The policy sets out the circumstances which may constitute actual or potential conflicts of interest in the business of Sandaire that may entail a material risk of damage to the interest of one or more of Sandaire’s clients. For each area identified, it specifies the policy or procedures followed and measures adopted by Sandaire to manage such conflicts to ensure with confidence that any material risk of damage to clients is prevented.
It should be noted that Sandaire strives to ensure that it manages conflicts of interest and will only seek to disclose a conflict where it is not possible to put in place policies and procedures to adequately manage it.
Principle 3 – Institutional investors should monitor their investee companies
Sandaire client portfolios are invested in Collective Investment Schemes (CIS) as well as direct equities and bonds.
In relation to direct equities and bonds, Sandaire actively engages with the management of the issuers and companies in which we invest on behalf of our clients. Our analysts and portfolio managers consider the financial implications of corporate governance risks as part of the fundamental research process.
With regard to CIS, our analysts undertake substantial and detailed due diligence which will consider governance structures, disaster recovery and compliance arrangements. Our analysts and portfolio managers aim to meet with external CIS providers at least annually.
Principle 4 – Institutional investors should establish clear guidelines on when and how they will escalate their activities as a method of protecting and enhancing shareholder value
When appropriate, we actively engage with external investment managers or companies in relation to corporate governance and other issues in our clients’ best interests. In certain situations, we may elevate these discussions to shareholder boards or their respective members, and potentially through proxy solicitation.

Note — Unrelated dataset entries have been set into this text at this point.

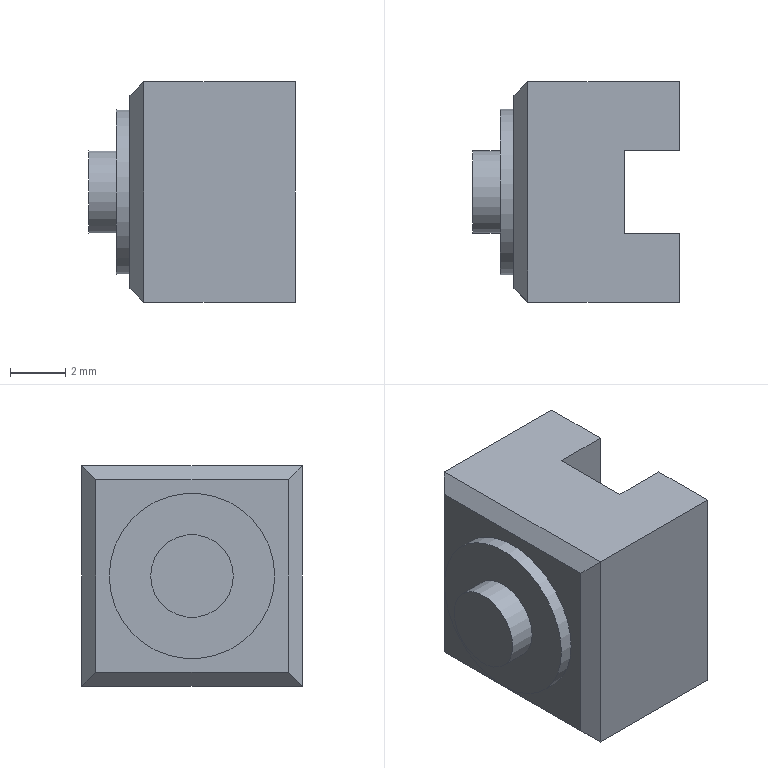Component | NX | IR_THERMAL_IMAGER | 1 solid | 18 faces | box 7.5 x 8 x 8 mm | volume 353 mm3 | plane 16 | cylinder 2 | commonest cylinder face diameters 6 x1 3 x1
STEP:
#1=CARTESIAN_POINT('',(0.,0.,0.));
#2=DIRECTION('',(0.,0.,1.));
#3=DIRECTION('',(1.,0.,0.));
#4=AXIS2_PLACEMENT_3D('',#1,#2,#3);
#5=CARTESIAN_POINT('',(-16.5,4.,12.5));
#6=VERTEX_POINT('',#5);
#7=CARTESIAN_POINT('',(-11.,4.,12.5));
#8=VERTEX_POINT('',#7);
#9=CARTESIAN_POINT('',(-17.,4.,12.5));
#10=DIRECTION('',(1.,0.,0.));
#11=VECTOR('',#10,1.);
#12=LINE('',#9,#11);
#13=CARTESIAN_POINT('',(-17.,4.,12.5));
#14=DIRECTION('',(0.,0.,1.));
#15=DIRECTION('',(0.,1.,-0.));
#16=AXIS2_PLACEMENT_3D('',#13,#14,#15);
#17=PLANE('',#16);
#18=CARTESIAN_POINT('',(0.,0.));
#19=DIRECTION('',(0.,-1.));
#20=VECTOR('',#19,1.);
#21=LINE('',#18,#20);
#22=(GEOMETRIC_REPRESENTATION_CONTEXT(2)PARAMETRIC_REPRESENTATION_CONTEXT()REPRESENTATION_CONTEXT('',''));
#23=DEFINITIONAL_REPRESENTATION('',(#21),#22);
#24=PCURVE('',#17,#23);
#25=CARTESIAN_POINT('',(-17.,4.,4.5));
#26=DIRECTION('',(0.,1.,-0.));
#27=DIRECTION('',(0.,-0.,-1.));
#28=AXIS2_PLACEMENT_3D('',#25,#26,#27);
#29=PLANE('',#28);
#30=CARTESIAN_POINT('',(-8.,0.));
#31=DIRECTION('',(0.,-1.));
#32=VECTOR('',#31,1.);
#33=LINE('',#30,#32);
#34=(GEOMETRIC_REPRESENTATION_CONTEXT(2)PARAMETRIC_REPRESENTATION_CONTEXT()REPRESENTATION_CONTEXT('',''));
#35=DEFINITIONAL_REPRESENTATION('',(#33),#34);
#36=PCURVE('',#29,#35);
#37=SURFACE_CURVE('',#12,(#24,#36),.PCURVE_S1.);
#38=EDGE_CURVE('',#6,#8,#37,.T.);
#39=ORIENTED_EDGE('',*,*,#38,.F.);
#40=CARTESIAN_POINT('',(-16.5,-4.,12.5));
#41=VERTEX_POINT('',#40);
#42=CARTESIAN_POINT('',(-16.5,-4.,12.5));
#43=DIRECTION('',(0.,-1.,0.));
#44=VECTOR('',#43,1.);
#45=LINE('',#42,#44);
#46=CARTESIAN_POINT('',(-8.,-0.5));
#47=DIRECTION('',(-1.,0.));
#48=VECTOR('',#47,1.);
#49=LINE('',#46,#48);
#50=(GEOMETRIC_REPRESENTATION_CONTEXT(2)PARAMETRIC_REPRESENTATION_CONTEXT()REPRESENTATION_CONTEXT('',''));
#51=DEFINITIONAL_REPRESENTATION('',(#49),#50);
#52=PCURVE('',#17,#51);
#53=CARTESIAN_POINT('',(-16.5,4.,12.5));
#54=DIRECTION('',(-0.7071,0.,0.7071));
#55=DIRECTION('',(-0.,1.,-0.));
#56=AXIS2_PLACEMENT_3D('',#53,#54,#55);
#57=PLANE('',#56);
#58=CARTESIAN_POINT('',(-8.,0.));
#59=DIRECTION('',(-1.,0.));
#60=VECTOR('',#59,1.);
#61=LINE('',#58,#60);
#62=(GEOMETRIC_REPRESENTATION_CONTEXT(2)PARAMETRIC_REPRESENTATION_CONTEXT()REPRESENTATION_CONTEXT('',''));
#63=DEFINITIONAL_REPRESENTATION('',(#61),#62);
#64=PCURVE('',#57,#63);
#65=SURFACE_CURVE('',#45,(#52,#64),.PCURVE_S1.);
#66=EDGE_CURVE('',#6,#41,#65,.T.);
#67=ORIENTED_EDGE('',*,*,#66,.T.);
#68=CARTESIAN_POINT('',(-11.,-4.,12.5));
#69=VERTEX_POINT('',#68);
#70=CARTESIAN_POINT('',(-17.,-4.,12.5));
#71=DIRECTION('',(1.,0.,0.));
#72=VECTOR('',#71,1.);
#73=LINE('',#70,#72);
#74=CARTESIAN_POINT('',(-8.,0.));
#75=DIRECTION('',(0.,-1.));
#76=VECTOR('',#75,1.);
#77=LINE('',#74,#76);
#78=(GEOMETRIC_REPRESENTATION_CONTEXT(2)PARAMETRIC_REPRESENTATION_CONTEXT()REPRESENTATION_CONTEXT('',''));
#79=DEFINITIONAL_REPRESENTATION('',(#77),#78);
#80=PCURVE('',#17,#79);
#81=CARTESIAN_POINT('',(-17.,-4.,12.5));
#82=DIRECTION('',(0.,-1.,0.));
#83=DIRECTION('',(0.,0.,1.));
#84=AXIS2_PLACEMENT_3D('',#81,#82,#83);
#85=PLANE('',#84);
#86=CARTESIAN_POINT('',(0.,0.));
#87=DIRECTION('',(0.,-1.));
#88=VECTOR('',#87,1.);
#89=LINE('',#86,#88);
#90=(GEOMETRIC_REPRESENTATION_CONTEXT(2)PARAMETRIC_REPRESENTATION_CONTEXT()REPRESENTATION_CONTEXT('',''));
#91=DEFINITIONAL_REPRESENTATION('',(#89),#90);
#92=PCURVE('',#85,#91);
#93=SURFACE_CURVE('',#73,(#80,#92),.PCURVE_S1.);
#94=EDGE_CURVE('',#41,#69,#93,.T.);
#95=ORIENTED_EDGE('',*,*,#94,.T.);
#96=CARTESIAN_POINT('',(-11.,-1.5,12.5));
#97=VERTEX_POINT('',#96);
#98=CARTESIAN_POINT('',(-11.,4.,12.5));
#99=DIRECTION('',(0.,-1.,0.));
#100=VECTOR('',#99,1.);
#101=LINE('',#98,#100);
#102=CARTESIAN_POINT('',(0.,-6.));
#103=DIRECTION('',(-1.,0.));
#104=VECTOR('',#103,1.);
#105=LINE('',#102,#104);
#106=(GEOMETRIC_REPRESENTATION_CONTEXT(2)PARAMETRIC_REPRESENTATION_CONTEXT()REPRESENTATION_CONTEXT('',''));
#107=DEFINITIONAL_REPRESENTATION('',(#105),#106);
#108=PCURVE('',#17,#107);
#109=CARTESIAN_POINT('',(-11.,0.,8.5));
#110=DIRECTION('',(1.,0.,0.));
#111=DIRECTION('',(0.,0.,-1.));
#112=AXIS2_PLACEMENT_3D('',#109,#110,#111);
#113=PLANE('',#112);
#114=CARTESIAN_POINT('',(-4.,4.));
#115=DIRECTION('',(-0.,-1.));
#116=VECTOR('',#115,1.);
#117=LINE('',#114,#116);
#118=(GEOMETRIC_REPRESENTATION_CONTEXT(2)PARAMETRIC_REPRESENTATION_CONTEXT()REPRESENTATION_CONTEXT('',''));
#119=DEFINITIONAL_REPRESENTATION('',(#117),#118);
#120=PCURVE('',#113,#119);
#121=SURFACE_CURVE('',#101,(#108,#120),.PCURVE_S1.);
#122=EDGE_CURVE('',#97,#69,#121,.T.);
#123=ORIENTED_EDGE('',*,*,#122,.F.);
#124=CARTESIAN_POINT('',(-13.,-1.5,12.5));
#125=VERTEX_POINT('',#124);
#126=CARTESIAN_POINT('',(-11.,-1.5,12.5));
#127=DIRECTION('',(-1.,0.,0.));
#128=VECTOR('',#127,1.);
#129=LINE('',#126,#128);
#130=CARTESIAN_POINT('',(-5.5,-6.));
#131=DIRECTION('',(0.,1.));
#132=VECTOR('',#131,1.);
#133=LINE('',#130,#132);
#134=(GEOMETRIC_REPRESENTATION_CONTEXT(2)PARAMETRIC_REPRESENTATION_CONTEXT()REPRESENTATION_CONTEXT('',''));
#135=DEFINITIONAL_REPRESENTATION('',(#133),#134);
#136=PCURVE('',#17,#135);
#137=CARTESIAN_POINT('',(-11.,-1.5,13.3));
#138=DIRECTION('',(0.,-1.,0.));
#139=DIRECTION('',(0.,0.,1.));
#140=AXIS2_PLACEMENT_3D('',#137,#138,#139);
#141=PLANE('',#140);
#142=CARTESIAN_POINT('',(-0.8,0.));
#143=DIRECTION('',(0.,1.));
#144=VECTOR('',#143,1.);
#145=LINE('',#142,#144);
#146=(GEOMETRIC_REPRESENTATION_CONTEXT(2)PARAMETRIC_REPRESENTATION_CONTEXT()REPRESENTATION_CONTEXT('',''));
#147=DEFINITIONAL_REPRESENTATION('',(#145),#146);
#148=PCURVE('',#141,#147);
#149=SURFACE_CURVE('',#129,(#136,#148),.PCURVE_S1.);
#150=EDGE_CURVE('',#97,#125,#149,.T.);
#151=ORIENTED_EDGE('',*,*,#150,.T.);
#152=CARTESIAN_POINT('',(-13.,1.5,12.5));
#153=VERTEX_POINT('',#152);
#154=CARTESIAN_POINT('',(-13.,-1.5,12.5));
#155=DIRECTION('',(0.,1.,-0.));
#156=VECTOR('',#155,1.);
#157=LINE('',#154,#156);
#158=CARTESIAN_POINT('',(-5.5,-4.));
#159=DIRECTION('',(1.,0.));
#160=VECTOR('',#159,1.);
#161=LINE('',#158,#160);
#162=(GEOMETRIC_REPRESENTATION_CONTEXT(2)PARAMETRIC_REPRESENTATION_CONTEXT()REPRESENTATION_CONTEXT('',''));
#163=DEFINITIONAL_REPRESENTATION('',(#161),#162);
#164=PCURVE('',#17,#163);
#165=CARTESIAN_POINT('',(-13.,-1.5,13.3));
#166=DIRECTION('',(-1.,0.,0.));
#167=DIRECTION('',(0.,0.,1.));
#168=AXIS2_PLACEMENT_3D('',#165,#166,#167);
#169=PLANE('',#168);
#170=CARTESIAN_POINT('',(-0.8,0.));
#171=DIRECTION('',(-0.,1.));
#172=VECTOR('',#171,1.);
#173=LINE('',#170,#172);
#174=(GEOMETRIC_REPRESENTATION_CONTEXT(2)PARAMETRIC_REPRESENTATION_CONTEXT()REPRESENTATION_CONTEXT('',''));
#175=DEFINITIONAL_REPRESENTATION('',(#173),#174);
#176=PCURVE('',#169,#175);
#177=SURFACE_CURVE('',#157,(#164,#176),.PCURVE_S1.);
#178=EDGE_CURVE('',#125,#153,#177,.T.);
#179=ORIENTED_EDGE('',*,*,#178,.T.);
#180=CARTESIAN_POINT('',(-11.,1.5,12.5));
#181=VERTEX_POINT('',#180);
#182=CARTESIAN_POINT('',(-13.,1.5,12.5));
#183=DIRECTION('',(1.,0.,0.));
#184=VECTOR('',#183,1.);
#185=LINE('',#182,#184);
#186=CARTESIAN_POINT('',(-2.5,-4.));
#187=DIRECTION('',(0.,-1.));
#188=VECTOR('',#187,1.);
#189=LINE('',#186,#188);
#190=(GEOMETRIC_REPRESENTATION_CONTEXT(2)PARAMETRIC_REPRESENTATION_CONTEXT()REPRESENTATION_CONTEXT('',''));
#191=DEFINITIONAL_REPRESENTATION('',(#189),#190);
#192=PCURVE('',#17,#191);
#193=CARTESIAN_POINT('',(-13.,1.5,13.3));
#194=DIRECTION('',(0.,1.,0.));
#195=DIRECTION('',(0.,0.,-1.));
#196=AXIS2_PLACEMENT_3D('',#193,#194,#195);
#197=PLANE('',#196);
#198=CARTESIAN_POINT('',(0.8,0.));
#199=DIRECTION('',(0.,-1.));
#200=VECTOR('',#199,1.);
#201=LINE('',#198,#200);
#202=(GEOMETRIC_REPRESENTATION_CONTEXT(2)PARAMETRIC_REPRESENTATION_CONTEXT()REPRESENTATION_CONTEXT('',''));
#203=DEFINITIONAL_REPRESENTATION('',(#201),#202);
#204=PCURVE('',#197,#203);
#205=SURFACE_CURVE('',#185,(#192,#204),.PCURVE_S1.);
#206=EDGE_CURVE('',#153,#181,#205,.T.);
#207=ORIENTED_EDGE('',*,*,#206,.T.);
#208=CARTESIAN_POINT('',(-11.,4.,12.5));
#209=DIRECTION('',(0.,-1.,0.));
#210=VECTOR('',#209,1.);
#211=LINE('',#208,#210);
#212=CARTESIAN_POINT('',(0.,-6.));
#213=DIRECTION('',(-1.,0.));
#214=VECTOR('',#213,1.);
#215=LINE('',#212,#214);
#216=(GEOMETRIC_REPRESENTATION_CONTEXT(2)PARAMETRIC_REPRESENTATION_CONTEXT()REPRESENTATION_CONTEXT('',''));
#217=DEFINITIONAL_REPRESENTATION('',(#215),#216);
#218=PCURVE('',#17,#217);
#219=CARTESIAN_POINT('',(-11.,0.,8.5));
#220=DIRECTION('',(1.,0.,0.));
#221=DIRECTION('',(0.,0.,-1.));
#222=AXIS2_PLACEMENT_3D('',#219,#220,#221);
#223=PLANE('',#222);
#224=CARTESIAN_POINT('',(-4.,4.));
#225=DIRECTION('',(-0.,-1.));
#226=VECTOR('',#225,1.);
#227=LINE('',#224,#226);
#228=(GEOMETRIC_REPRESENTATION_CONTEXT(2)PARAMETRIC_REPRESENTATION_CONTEXT()REPRESENTATION_CONTEXT('',''));
#229=DEFINITIONAL_REPRESENTATION('',(#227),#228);
#230=PCURVE('',#223,#229);
#231=SURFACE_CURVE('',#211,(#218,#230),.PCURVE_S1.);
#232=EDGE_CURVE('',#8,#181,#231,.T.);
#233=ORIENTED_EDGE('',*,*,#232,.F.);
#234=EDGE_LOOP('',(#39,#67,#95,#123,#151,#179,#207,#233));
#235=FACE_BOUND('',#234,.T.);
#236=ADVANCED_FACE('',(#235),#17,.T.);
#237=ORIENTED_EDGE('',*,*,#232,.T.);
#238=CARTESIAN_POINT('',(-11.,1.5,4.5));
#239=VERTEX_POINT('',#238);
#240=CARTESIAN_POINT('',(-11.,1.5,13.3));
#241=DIRECTION('',(0.,0.,-1.));
#242=VECTOR('',#241,1.);
#243=LINE('',#240,#242);
#244=CARTESIAN_POINT('',(-4.8,1.5));
#245=DIRECTION('',(1.,0.));
#246=VECTOR('',#245,1.);
#247=LINE('',#244,#246);
#248=(GEOMETRIC_REPRESENTATION_CONTEXT(2)PARAMETRIC_REPRESENTATION_CONTEXT()REPRESENTATION_CONTEXT('',''));
#249=DEFINITIONAL_REPRESENTATION('',(#247),#248);
#250=PCURVE('',#223,#249);
#251=CARTESIAN_POINT('',(0.,-2.));
#252=DIRECTION('',(1.,0.));
#253=VECTOR('',#252,1.);
#254=LINE('',#251,#253);
#255=(GEOMETRIC_REPRESENTATION_CONTEXT(2)PARAMETRIC_REPRESENTATION_CONTEXT()REPRESENTATION_CONTEXT('',''));
#256=DEFINITIONAL_REPRESENTATION('',(#254),#255);
#257=PCURVE('',#197,#256);
#258=SURFACE_CURVE('',#243,(#250,#257),.PCURVE_S1.);
#259=EDGE_CURVE('',#181,#239,#258,.T.);
#260=ORIENTED_EDGE('',*,*,#259,.T.);
#261=CARTESIAN_POINT('',(-11.,4.,4.5));
#262=VERTEX_POINT('',#261);
#263=CARTESIAN_POINT('',(-11.,-4.,4.5));
#264=DIRECTION('',(0.,1.,-0.));
#265=VECTOR('',#264,1.);
#266=LINE('',#263,#265);
#267=CARTESIAN_POINT('',(4.,-4.));
#268=DIRECTION('',(0.,1.));
#269=VECTOR('',#268,1.);
#270=LINE('',#267,#269);
#271=(GEOMETRIC_REPRESENTATION_CONTEXT(2)PARAMETRIC_REPRESENTATION_CONTEXT()REPRESENTATION_CONTEXT('',''));
#272=DEFINITIONAL_REPRESENTATION('',(#270),#271);
#273=PCURVE('',#223,#272);
#274=CARTESIAN_POINT('',(-17.,-4.,4.5));
#275=DIRECTION('',(0.,-0.,-1.));
#276=DIRECTION('',(0.,-1.,0.));
#277=AXIS2_PLACEMENT_3D('',#274,#275,#276);
#278=PLANE('',#277);
#279=CARTESIAN_POINT('',(0.,-6.));
#280=DIRECTION('',(-1.,0.));
#281=VECTOR('',#280,1.);
#282=LINE('',#279,#281);
#283=(GEOMETRIC_REPRESENTATION_CONTEXT(2)PARAMETRIC_REPRESENTATION_CONTEXT()REPRESENTATION_CONTEXT('',''));
#284=DEFINITIONAL_REPRESENTATION('',(#282),#283);
#285=PCURVE('',#278,#284);
#286=SURFACE_CURVE('',#266,(#273,#285),.PCURVE_S1.);
#287=EDGE_CURVE('',#239,#262,#286,.T.);
#288=ORIENTED_EDGE('',*,*,#287,.T.);
#289=CARTESIAN_POINT('',(-11.,4.,4.5));
#290=DIRECTION('',(0.,0.,1.));
#291=VECTOR('',#290,1.);
#292=LINE('',#289,#291);
#293=CARTESIAN_POINT('',(4.,4.));
#294=DIRECTION('',(-1.,0.));
#295=VECTOR('',#294,1.);
#296=LINE('',#293,#295);
#297=(GEOMETRIC_REPRESENTATION_CONTEXT(2)PARAMETRIC_REPRESENTATION_CONTEXT()REPRESENTATION_CONTEXT('',''));
#298=DEFINITIONAL_REPRESENTATION('',(#296),#297);
#299=PCURVE('',#223,#298);
#300=CARTESIAN_POINT('',(0.,-6.));
#301=DIRECTION('',(-1.,0.));
#302=VECTOR('',#301,1.);
#303=LINE('',#300,#302);
#304=(GEOMETRIC_REPRESENTATION_CONTEXT(2)PARAMETRIC_REPRESENTATION_CONTEXT()REPRESENTATION_CONTEXT('',''));
#305=DEFINITIONAL_REPRESENTATION('',(#303),#304);
#306=PCURVE('',#29,#305);
#307=SURFACE_CURVE('',#292,(#299,#306),.PCURVE_S1.);
#308=EDGE_CURVE('',#262,#8,#307,.T.);
#309=ORIENTED_EDGE('',*,*,#308,.T.);
#310=EDGE_LOOP('',(#237,#260,#288,#309));
#311=FACE_BOUND('',#310,.T.);
#312=ADVANCED_FACE('',(#311),#223,.T.);
#313=ORIENTED_EDGE('',*,*,#94,.F.);
#314=CARTESIAN_POINT('',(-16.5,-4.,4.5));
#315=VERTEX_POINT('',#314);
#316=CARTESIAN_POINT('',(-16.5,-4.,4.5));
#317=DIRECTION('',(0.,-0.,-1.));
#318=VECTOR('',#317,1.);
#319=LINE('',#316,#318);
#320=CARTESIAN_POINT('',(-8.,-0.5));
#321=DIRECTION('',(-1.,0.));
#322=VECTOR('',#321,1.);
#323=LINE('',#320,#322);
#324=(GEOMETRIC_REPRESENTATION_CONTEXT(2)PARAMETRIC_REPRESENTATION_CONTEXT()REPRESENTATION_CONTEXT('',''));
#325=DEFINITIONAL_REPRESENTATION('',(#323),#324);
#326=PCURVE('',#85,#325);
#327=CARTESIAN_POINT('',(-16.5,-4.,12.5));
#328=DIRECTION('',(-0.7071,-0.7071,0.));
#329=DIRECTION('',(0.,0.,1.));
#330=AXIS2_PLACEMENT_3D('',#327,#328,#329);
#331=PLANE('',#330);
#332=CARTESIAN_POINT('',(-8.,0.));
#333=DIRECTION('',(-1.,0.));
#334=VECTOR('',#333,1.);
#335=LINE('',#332,#334);
#336=(GEOMETRIC_REPRESENTATION_CONTEXT(2)PARAMETRIC_REPRESENTATION_CONTEXT()REPRESENTATION_CONTEXT('',''));
#337=DEFINITIONAL_REPRESENTATION('',(#335),#336);
#338=PCURVE('',#331,#337);
#339=SURFACE_CURVE('',#319,(#326,#338),.PCURVE_S1.);
#340=EDGE_CURVE('',#41,#315,#339,.T.);
#341=ORIENTED_EDGE('',*,*,#340,.T.);
#342=CARTESIAN_POINT('',(-11.,-4.,4.5));
#343=VERTEX_POINT('',#342);
#344=CARTESIAN_POINT('',(-17.,-4.,4.5));
#345=DIRECTION('',(1.,0.,0.));
#346=VECTOR('',#345,1.);
#347=LINE('',#344,#346);
#348=CARTESIAN_POINT('',(-8.,0.));
#349=DIRECTION('',(0.,-1.));
#350=VECTOR('',#349,1.);
#351=LINE('',#348,#350);
#352=(GEOMETRIC_REPRESENTATION_CONTEXT(2)PARAMETRIC_REPRESENTATION_CONTEXT()REPRESENTATION_CONTEXT('',''));
#353=DEFINITIONAL_REPRESENTATION('',(#351),#352);
#354=PCURVE('',#85,#353);
#355=CARTESIAN_POINT('',(0.,0.));
#356=DIRECTION('',(0.,-1.));
#357=VECTOR('',#356,1.);
#358=LINE('',#355,#357);
#359=(GEOMETRIC_REPRESENTATION_CONTEXT(2)PARAMETRIC_REPRESENTATION_CONTEXT()REPRESENTATION_CONTEXT('',''));
#360=DEFINITIONAL_REPRESENTATION('',(#358),#359);
#361=PCURVE('',#278,#360);
#362=SURFACE_CURVE('',#347,(#354,#361),.PCURVE_S1.);
#363=EDGE_CURVE('',#315,#343,#362,.T.);
#364=ORIENTED_EDGE('',*,*,#363,.T.);
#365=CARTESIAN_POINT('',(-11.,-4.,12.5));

We review all current managers at least annually. In addition to their fundamental analysis, the investment team is required to visit/communicate with senior management once a year for every company considered to be an elevated risk. We supplement these visits with ongoing discussions with suppliers and counterparties where appropriate.
We do not generally invest in companies without having face to face meetings with management; however there are situations, particularly where the company is not located in the UK, where this may be accommodated by at least three meetings/discussions with the relevant company.
While Sandaire utilizes large amounts of external research, we never rely solely on rating agencies or upon external sources of investment research. We place a great deal of importance on our own analysis also when evaluating the businesses in which we invest.
Principle 5 – Institutional investors should be willing to act collectively with other investors where appropriate
When it is in the best interest of our clients, we may invest collectively with other investors when we believe it is likely to enhance our ability to engage with a company or when a single client may not reach the normal minimum investment size.
Principle 6 – Institutional investors should have a clear policy on voting and disclosure of voting activity
Except to the extent required by applicable law or otherwise approved by Sandaire, we will not disclose to third parties how a proxy was voted on behalf of a client. However, upon request from an appropriately authorised individual, Sandaire will disclose to its clients or the entity delegating the voting authority to Sandaire for such clients (e.g., trustees or consultants retained by the client), how Sandaire voted such client’s proxy.
Principle 7 – Institutional investors should report periodically on their stewardship and voting activities
We intend to update this information annually or as and when necessary.